News | premiere jazz

★★★★ It can only be cause for celebration that Buenos Aires begins to show its green shoots after the intense sandstorm. Not long ago Aldo’s returned, in another neighborhood and now with a more open billboard. Let’s add Café Berlin in Villa Devoto. And a few days ago, Prez was born, in a basement in the heart of Barrio Norte, with all the characteristics of an old-fashioned jazz club: small tables, attendees who go to listen more than to eat, a good grand piano on the little stage and, fortunately, without the cigarette smoke that characterized these places decades ago.

Although perhaps later on it may open up to foreign visitors, this start by Prez points to our everyday jazz. Born from the love for this music of the lawyer Justo Lo Prete -who some time ago had founded the Rivorecords label with which he published many Argentine musicians- he baptized his brand new venue with the nickname of the saxophonist Lester Young, and at the start he summoned names like those of Ernesto Jodos, Julia Sanjurjo, Sebastián Loiácono, Julia Moscardini, Pepe Angelillo or Adrián Iaies –the one we saw-; but no doubt several more will be added.

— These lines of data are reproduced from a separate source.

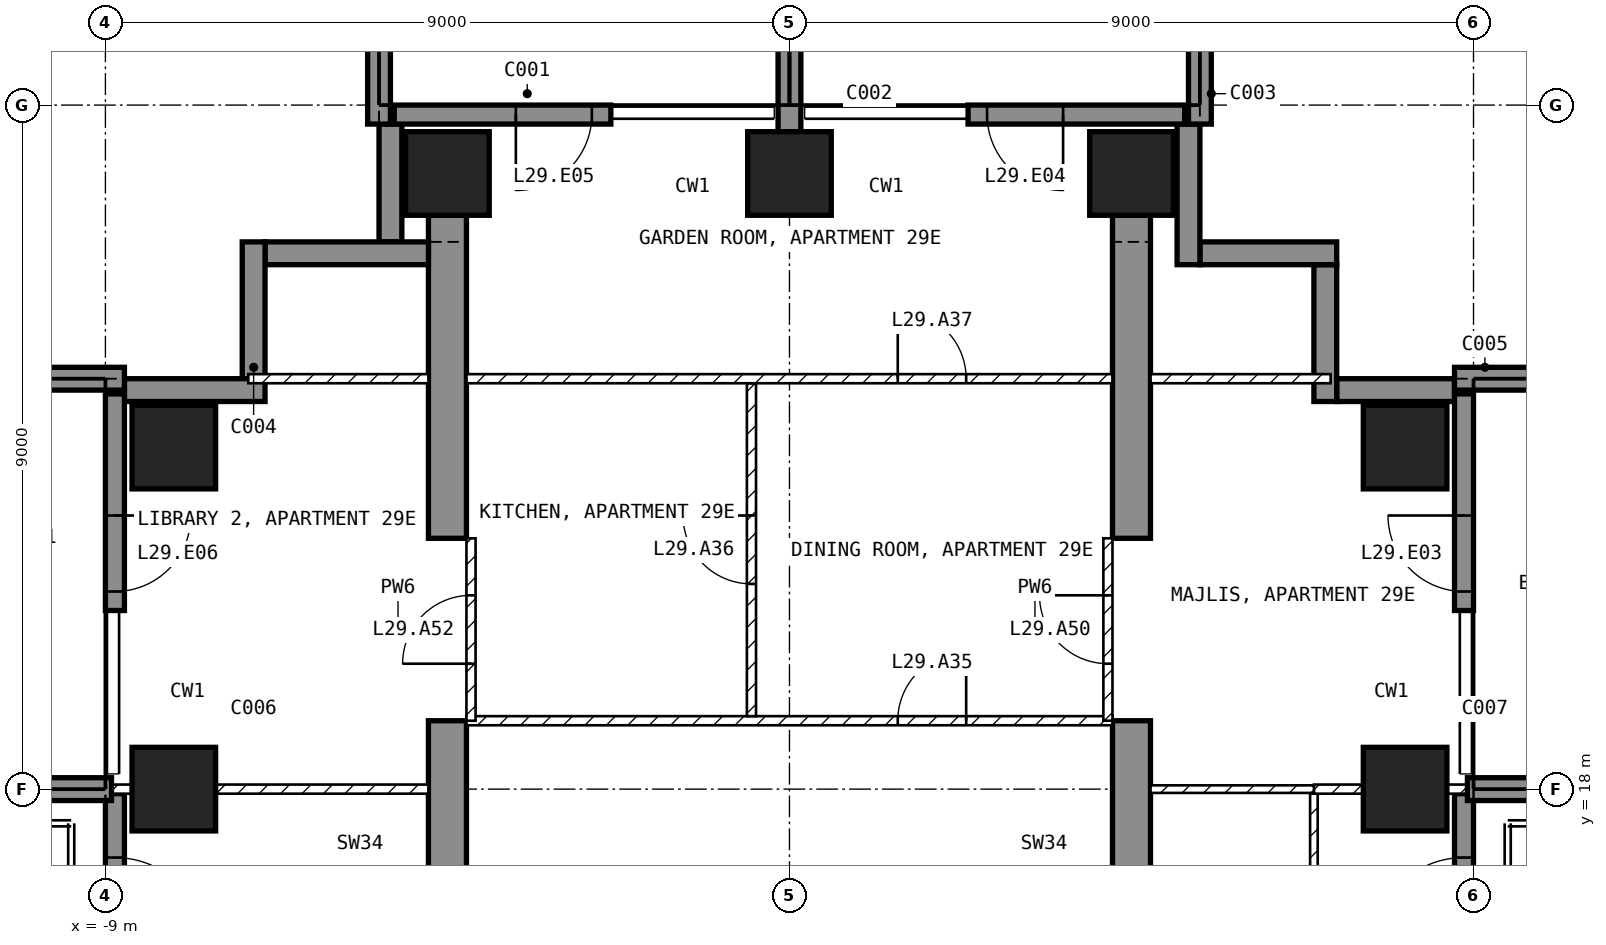
"""IFC4 building model, lengths in metres.
Left out: names, types, materials, properties, quantities, classifications, styles, units other than length and angle.
Written with IfcOpenShell. Run it as: python <this file> out.ifc"""

import sys

from ifc_helpers import new_model, si_unit, direction, frame, frame_2d, origin, origin_2d, place, context, subcontext, project, spatial, polyline, rectangle, outline, extrude, element, fill, save


model = new_model("IFC4")
c1 = context("Model", 3, precision=1e-05, world=origin(), true_north=direction((0.0, 1.0)))
c2 = subcontext(c1, "Body", "Model", "MODEL_VIEW")
j1 = project(units=[si_unit("LENGTHUNIT", "METRE"), si_unit("PLANEANGLEUNIT", "RADIAN")], contexts=[c1])
p1 = place(None, origin())
s1 = spatial("IfcSite", under=j1, at=p1, CompositionType="ELEMENT")
p2 = place(p1, origin())
s2 = spatial("IfcBuilding", under=s1, at=p2, CompositionType="ELEMENT")
p3 = place(p2, frame((0.0, 0.0, 123.4)))
s3 = spatial("IfcBuildingStorey", under=s2, at=p3, CompositionType="ELEMENT", Elevation=123.4)
for number, where, z_axis, x_axis in (
    (1, (-8.1, 18.0, -0.25), (0.0, 0.0, 1.0), (1.0, 0.0, 0.0)),
    (2, (-8.1, 22.5, -0.25), (0.0, 0.0, 1.0), (1.0, 0.0, 0.0)),
    (3, (-4.5, 26.1, -0.25), (0.0, 0.0, 1.0), (1.0, 0.0, 0.0)),
    (4, (0.0, 26.1, -0.25), (0.0, 0.0, 1.0), (1.0, 0.0, 0.0)),
    (5, (4.5, 26.1, -0.25), (0.0, 0.0, 1.0), (1.0, 0.0, 0.0)),
    (6, (8.1, 18.0, -0.25), (0.0, 0.0, 1.0), (1.0, 0.0, 0.0)),
    (7, (8.1, 22.5, -0.25), (0.0, 0.0, 1.0), (1.0, 0.0, 0.0)),
):
    element("IfcColumn", number, at=place(p3, frame(where, z_axis=z_axis, x_axis=x_axis)), inside=s3, PredefinedType="COLUMN", context=c2, shape_type="SweptSolid", body=[
        extrude(rectangle(XDim=1.1, YDim=1.1, at=origin_2d()), origin(), (0.0, 0.0, 1.0), 3.5),
    ])
for number, where, z_axis, x_axis in (
    (8, (-4.75, 9.0, -0.25), (1.0, 0.0, 0.0), (0.0, 1.0, 0.0)),
    (9, (4.25, 9.0, -0.25), (1.0, 0.0, 0.0), (0.0, 1.0, 0.0)),
):
    element("IfcWall", number, at=place(p3, frame(where, z_axis=z_axis, x_axis=x_axis)), inside=s3, PredefinedType="SHEAR", context=c2, shape_type="SweptSolid", body=[
        extrude(outline(polyline([(0.0, 0.0), (2.1, 0.0), (2.1, 2.65), (4.5, 2.65), (4.5, 0.0), (9.9, 0.0), (9.9, 2.65), (12.3, 2.65), (12.3, 0.0), (16.55, 0.0), (16.55, 3.5), (0.0, 3.5), (0.0, 0.0)])), origin(), (0.0, 0.0, 1.0), 0.5),
    ])
p4 = place(p3, frame((8.875, 15.65, 0.0), z_axis=(0.0, 0.0, 1.0), x_axis=(0.0, 1.0, 0.0)))
e10 = element("IfcWall", 10, at=p4, inside=s3, PredefinedType="SOLIDWALL", context=c2, shape_type="SweptSolid", body=[
    extrude(rectangle(XDim=2.29, YDim=0.25, at=frame_2d((1.145, 0.0))), origin(), (0.0, 0.0, 1.0), 3.25),
])
p5 = place(p4, frame((0.25, 0.0, 0.0)))
e11 = element("IfcOpeningElement", 11, at=p5, cuts=e10, PredefinedType="OPENING", context=c2, shape_type="SweptSolid", body=[
    extrude(rectangle(XDim=1.2, YDim=2.4, at=frame_2d((0.6, 1.2))), frame((0.0, 0.135, 0.0), z_axis=(0.0, -1.0, 0.0), x_axis=(1.0, 0.0, 0.0)), (0.0, 0.0, 1.0), 0.27),
])
p6 = place(p3, frame((8.875, 20.35, 0.0), z_axis=(0.0, 0.0, 1.0), x_axis=(0.0, 1.0, 0.0)))
e12 = element("IfcWall", 12, at=p6, inside=s3, PredefinedType="SOLIDWALL", context=c2, shape_type="SweptSolid", body=[
    extrude(rectangle(XDim=2.85, YDim=0.25, at=frame_2d((1.425, 0.0))), origin(), (0.0, 0.0, 1.0), 3.25),
])
p7 = place(p6, frame((0.25, 0.0, 0.0)))
e13 = element("IfcOpeningElement", 13, at=p7, cuts=e12, PredefinedType="OPENING", context=c2, shape_type="SweptSolid", body=[
    extrude(rectangle(XDim=1.0, YDim=2.4, at=frame_2d((0.5, 1.2))), frame((0.0, 0.135, 0.0), z_axis=(0.0, -1.0, 0.0), x_axis=(1.0, 0.0, 0.0)), (0.0, 0.0, 1.0), 0.27),
])
p8 = place(p3, frame((5.2, 26.875, 0.0), z_axis=(0.0, 0.0, 1.0), x_axis=(-1.0, 0.0, 0.0)))
e14 = element("IfcWall", 14, at=p8, inside=s3, PredefinedType="SOLIDWALL", context=c2, shape_type="SweptSolid", body=[
    extrude(rectangle(XDim=2.85, YDim=0.25, at=frame_2d((1.425, 0.0))), origin(), (0.0, 0.0, 1.0), 3.25),
])
p9 = place(p8, frame((1.6, 0.0, 0.0)))
e15 = element("IfcOpeningElement", 15, at=p9, cuts=e14, PredefinedType="OPENING", context=c2, shape_type="SweptSolid", body=[
    extrude(rectangle(XDim=1.0, YDim=2.4, at=frame_2d((0.5, 1.2))), frame((0.0, 0.135, 0.0), z_axis=(0.0, -1.0, 0.0), x_axis=(1.0, 0.0, 0.0)), (0.0, 0.0, 1.0), 0.27),
])
p10 = place(p3, frame((-2.35, 26.875, 0.0), z_axis=(0.0, 0.0, 1.0), x_axis=(-1.0, 0.0, 0.0)))
e16 = element("IfcWall", 16, at=p10, inside=s3, PredefinedType="SOLIDWALL", context=c2, shape_type="SweptSolid", body=[
    extrude(rectangle(XDim=2.85, YDim=0.25, at=frame_2d((1.425, 0.0))), origin(), (0.0, 0.0, 1.0), 3.25),
])
p11 = place(p10, frame((0.25, 0.0, 0.0)))
e17 = element("IfcOpeningElement", 17, at=p11, cuts=e16, PredefinedType="OPENING", context=c2, shape_type="SweptSolid", body=[
    extrude(rectangle(XDim=1.0, YDim=2.4, at=frame_2d((0.5, 1.2))), frame((0.0, 0.135, 0.0), z_axis=(0.0, -1.0, 0.0), x_axis=(1.0, 0.0, 0.0)), (0.0, 0.0, 1.0), 0.27),
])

Going specifically to Iaies, it remains to repeat that it is already a well-established name in the Argentine jazz scene. With a delicate pianism, with a marked interest in showing their own compositions and adding pieces of tango or vernacular rock to turn them into “standards” and with an ever-present inheritance of the elegant subtleties of Bill Evans, it seems to be the trio in the format with whom you feel best. And in fact, he plays in parallel with his Colegiales Trio, with other colleagues and a different style. This time he was accompanied by two musicians from different generations but equally valuable: “the legend” –as he called him- Carto Brandán on drums and the younger double bassist Santiago Lamisovski. Between the marked parts and the improvisations, which also allowed the virtues of his colleagues to appear, Iaies put together his repertoire with his pieces, including the premieres “Someone who dances” and “Water that falls”, he returned to his classic “Waltz for Beatriz” –which he dedicated to Beatriz Sarlo- and he did a juicy and very free version of the tango “Gricel”. But the night had some surprises: at the time of the encores, two great Argentine jazz musicians who were among the public joined: the trumpeter Mariano Loiácono for “Fermin” by Spinetta and Ernesto Jodos on piano four hands for “Blue Seven” by Sonny Rollins; for the happiness of the public and the owner of the house.